To Grant Allen   2 [May] 18791

Down, | Beckenham, Kent. | Railway Station | Orpington. S.E.R.

April 2d. 79

My dear Sir

I have just read with much interest your article in the Fortnightly & your views seem to me very probable.2 But my judgment is worth nothing, as I have of late been attending to other subjects. The sole source of doubt which crossed my mind relates to the faces of some monkeys, which, as far as I remember, are nearly hairless & yet can hardly have been subjected to rubbing. Is not the hairless condition of the feet of animals due to the thickening of the skin? would the hair disappear if the skin was not thickened? But my object in writing was solely to send enclosed, in case you have not seen the later edition of the Descent of man.3

It is something wonderful to me to hear of anyone defending Sexual Selection, which, such is my stock of conceit, I have still full confidence in.4

Believe me | My dear Sir | Yours very faithfully | Ch.
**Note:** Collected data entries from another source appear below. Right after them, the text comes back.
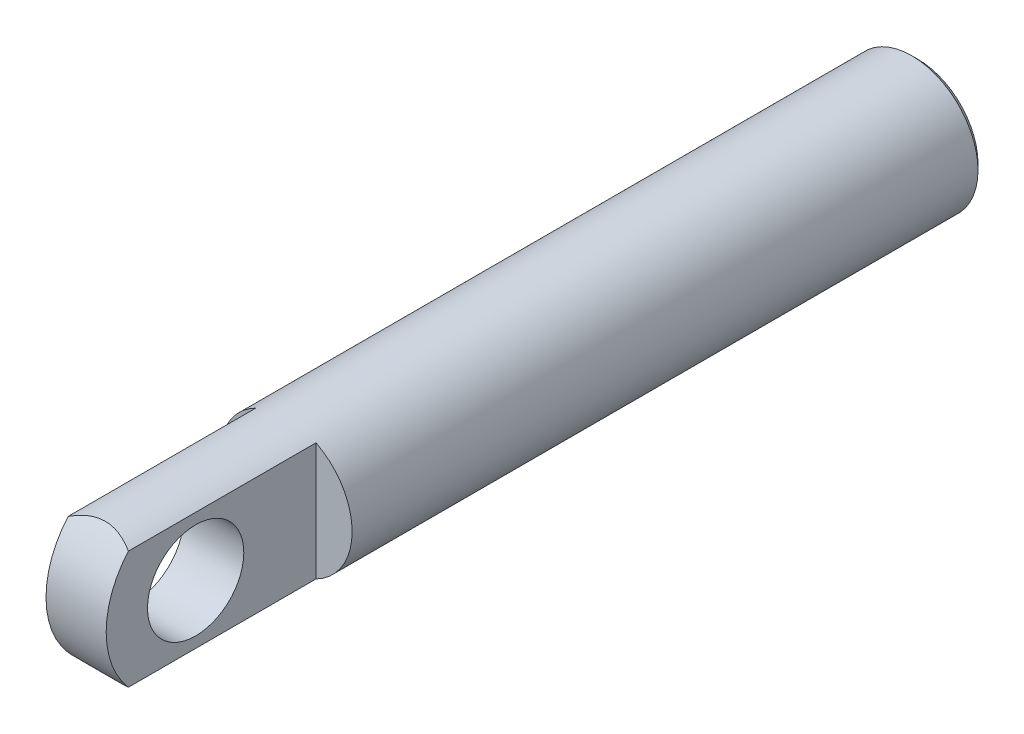
SolidWorks part; units mm, degrees
ref_plane "Front Plane" through (0, 0, 0) normal (0, 0, 1) x (1, 0, 0)
ref_plane "Top Plane" through (0, 0, 0) normal (0, 1, 0) x (1, 0, 0)
ref_plane "Right Plane" through (0, 0, 0) normal (1, 0, 0) x (0, 0, -1)
other "Configuration Table"
sketch "Sketch1" plane through (0, 0, 0) normal (0, 0, 1) x (1, 0, 0)
  circle A0 centre (0, 0) radius 11
  dimension "D1" = 22
extrude "Boss-Extrude1" add sketch "Sketch1" along normal blind 140
sketch "Sketch2" plane through (0, 0, 140) normal (0, 0, 1) x (1, 0, 0)
  line L1 (5, 14.3488) -> (21.8689, 14.3488)
  line L2 (5, 14.3488) -> (5, -18.206)
  line L3 (5, -18.206) -> (21.8689, -18.206)
  line L4 (21.8689, 14.3488) -> (21.8689, -18.206)
  line L5 (-18.3015, 14.6874) -> (-5, 14.6874)
  line L6 (-18.3015, 14.6874) -> (-18.3015, -17.3832)
  line L7 (-18.3015, -17.3832) -> (-5, -17.3832)
  line L8 (-5, 14.6874) -> (-5, -17.3832)
  dimension "D1" = 10
  dimension "D2" = 5
extrude "Cut-Extrude1" cut sketch "Sketch2" against normal blind 35 and the other way through all
hole_wizard "M12x1.5 Tapped Hole1" positions "3DSketch2" profile "Sketch4" tap size "M12x1.5" standard "GB"
sketch3d "3DSketch2"
  point P0 (-0.0003, -0.0004, 0)
sketch "Sketch4" plane through (-0.0003, -0.0004, 0) normal (1, 0, 0) x (0, 1, 0)
  line L0 (0, 0) -> (0, 102.6545)
  line L1 (0, 102.6545) -> (5.25, 99.5)
  line L2 (5.25, 99.5) -> (5.25, 0)
  line L5 (5.25, 0) -> (0, 0)
  line L10 (0, 102.6545) -> (-5.25, 99.5) construction
  line L11 (0, -6.35) -> (0, 107.95) construction
  dimension "螺纹孔钻头直径" = 10.5
  dimension "螺纹孔钻头深度" = 99.5
  dimension "导头角度" = 118
cosmetic thread "Hole thread line 1" parameters "D1"=95, "D2"=12
chamfer "Chamfer1" distance 1 angle 45 1 edges at (11, 0, 0)
sketch "Sketch5" plane through (-5, 0, 0) normal (-1, 0, 0) x (0, 0, 1)
  line L1 (125, 14.8665) -> (182.888, 36.7435)
  line L2 (182.888, 36.7435) -> (236.6735, -7.3492)
  line L3 (236.6735, -7.3492) -> (192.7709, -51.0617)
  line L4 (192.7709, -51.0617) -> (125, -14.8665)
  line L5 (140, 9.798) -> (140, -9.798) construction
  circle A0 centre (125, 0) radius 8
  arc A1 (125, -14.8665) -> (125, 14.8665) centre (125, 0) ccw
  dimension "D1" = 15
  dimension "D2" = 16
extrude "Cut-Extrude2" cut sketch "Sketch5" against normal through all
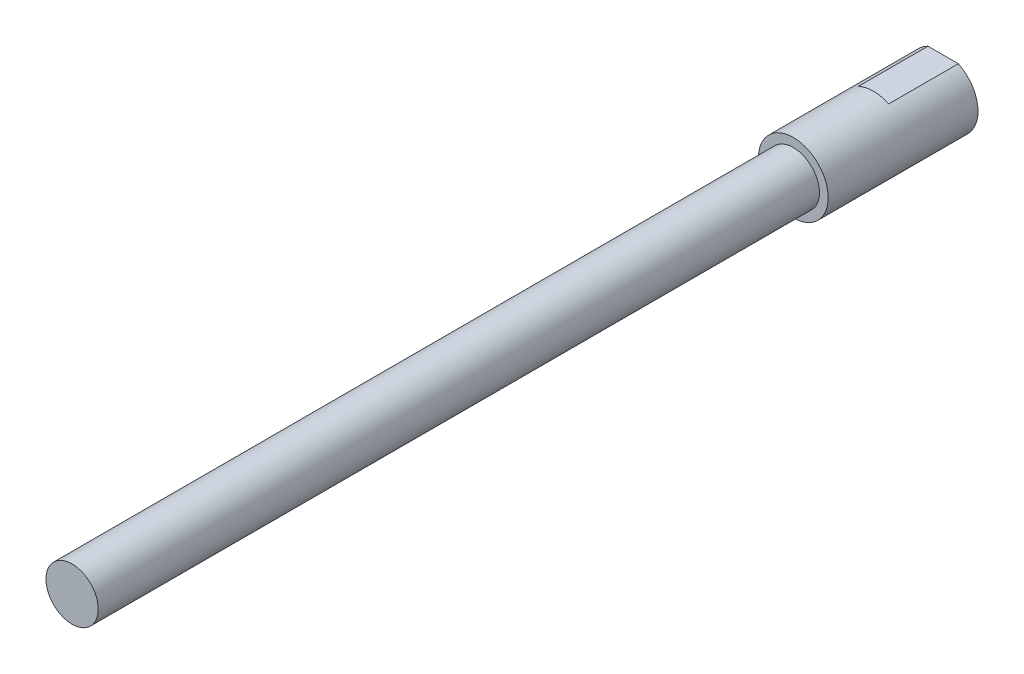
from build123d import *

# Parameters (mm, degrees)
SKETCH_1_R                   = 7.5
EXTRUDE_1_DEPTH              = 207
SKETCH_2_R                   = 10
EXTRUDE_2_DEPTH              = 43
SKETCH_3_OUTSIDE_W           = 72.318
SKETCH_3_OUTSIDE_H           = 72.318
SKETCH_3_OUTSIDE_W_2         = 23
SKETCH_3_OUTSIDE_H_2         = 18
CUT_EXTRUDE_1_DEPTH          = 20
HOLE_WIZARD_M8_1_D           = 6.8
HOLE_WIZARD_M8_1_DEPTH       = 18.25
HOLE_WIZARD_M8_1_CSINK_D     = 8.05
HOLE_WIZARD_M8_1_CSINK_ANGLE = 90
HOLE_WIZARD_M8_1_TIP         = 2.042926105


with BuildPart() as part:
    # 草图1 → 凸台-拉伸1 (new body)
    with BuildSketch(Plane.XY):
        Circle(SKETCH_1_R)
    extrude(amount=EXTRUDE_1_DEPTH)

    # 草图2 → 凸台-拉伸2 (add)
    with BuildSketch(Plane(origin=(0, 0, 0), x_dir=(-1, 0, 0), z_dir=(0, 0, -1))):
        Circle(SKETCH_2_R)
    extrude(amount=EXTRUDE_2_DEPTH)

    # 草图3 outside → 切除-拉伸1 (cut)
    with BuildSketch(Plane(origin=(0, 0, -43), x_dir=(-1, 0, 0), z_dir=(0, 0, -1))):
        Rectangle(SKETCH_3_OUTSIDE_W, SKETCH_3_OUTSIDE_H)
        Rectangle(SKETCH_3_OUTSIDE_W_2, SKETCH_3_OUTSIDE_H_2, mode=Mode.SUBTRACT)
    extrude(amount=-CUT_EXTRUDE_1_DEPTH, mode=Mode.SUBTRACT)

    # M8 螺纹孔1
    with Locations(Plane(origin=(0, 0, -43), x_dir=(-1, 0, 0), z_dir=(0, 0, -1))):
        with Locations((0, 0)):
            CounterSinkHole(HOLE_WIZARD_M8_1_D / 2, HOLE_WIZARD_M8_1_CSINK_D / 2, depth=HOLE_WIZARD_M8_1_DEPTH, counter_sink_angle=HOLE_WIZARD_M8_1_CSINK_ANGLE)
            with Locations((0, 0, -(HOLE_WIZARD_M8_1_DEPTH + HOLE_WIZARD_M8_1_TIP / 2))):  # 118° drill point
                Cone(0, HOLE_WIZARD_M8_1_D / 2, HOLE_WIZARD_M8_1_TIP, mode=Mode.SUBTRACT)


solid = part.part

Darwin

Footnotes

The month is established by the reference to Allen’s essay (see n. 2, below). CD evidently wrote April by mistake.
Allen’s essay ‘A problem of human evolution’ was published in Fortnightly Review on 1 May 1879 (G. Allen 1879b). Allen argued that the hair on some parts of the body was initially worn away by long-continued pressure or friction; after this, he suggested, individuals with less hair would have appeared more attractive to their mates, and thus sexual selection completed the process of denudation. He considered the fact that women were less hairy than men as evidence for this argument.
CD discussed hair as a sexual characteristic in Descent 2d ed., pp. 601–4; he remarked that the hairless faces of monkeys allowed the colour of their skin to be more fully displayed during the breeding season.
Many men of science, including St George Jackson Mivart, William Boyd Dawkins, and August Weismann, disagreed with CD’s notion of sexual selection, but Alfred Russel Wallace was one of the strongest critics (see E. Richards 2017, pp. 466–91; see also Wallace 1877 and Correspondence vol. 25, letters from A. R. Wallace, 23 July 1877 and 3 September 1877). Wallace also attacked sexual selection in his review of Allen’s book on colour in nature (G. Allen 1879a; letter from Raphael Meldola, 4 April 1879 and n. 4).

Bibliography

Allen, Grant. 1879a. The colour-sense: its origin and development. An essay in comparative psychology. London: Trübner & Co.

Allen, Grant. 1879b. A problem in human evolution. Fortnightly Review 25: 778–86.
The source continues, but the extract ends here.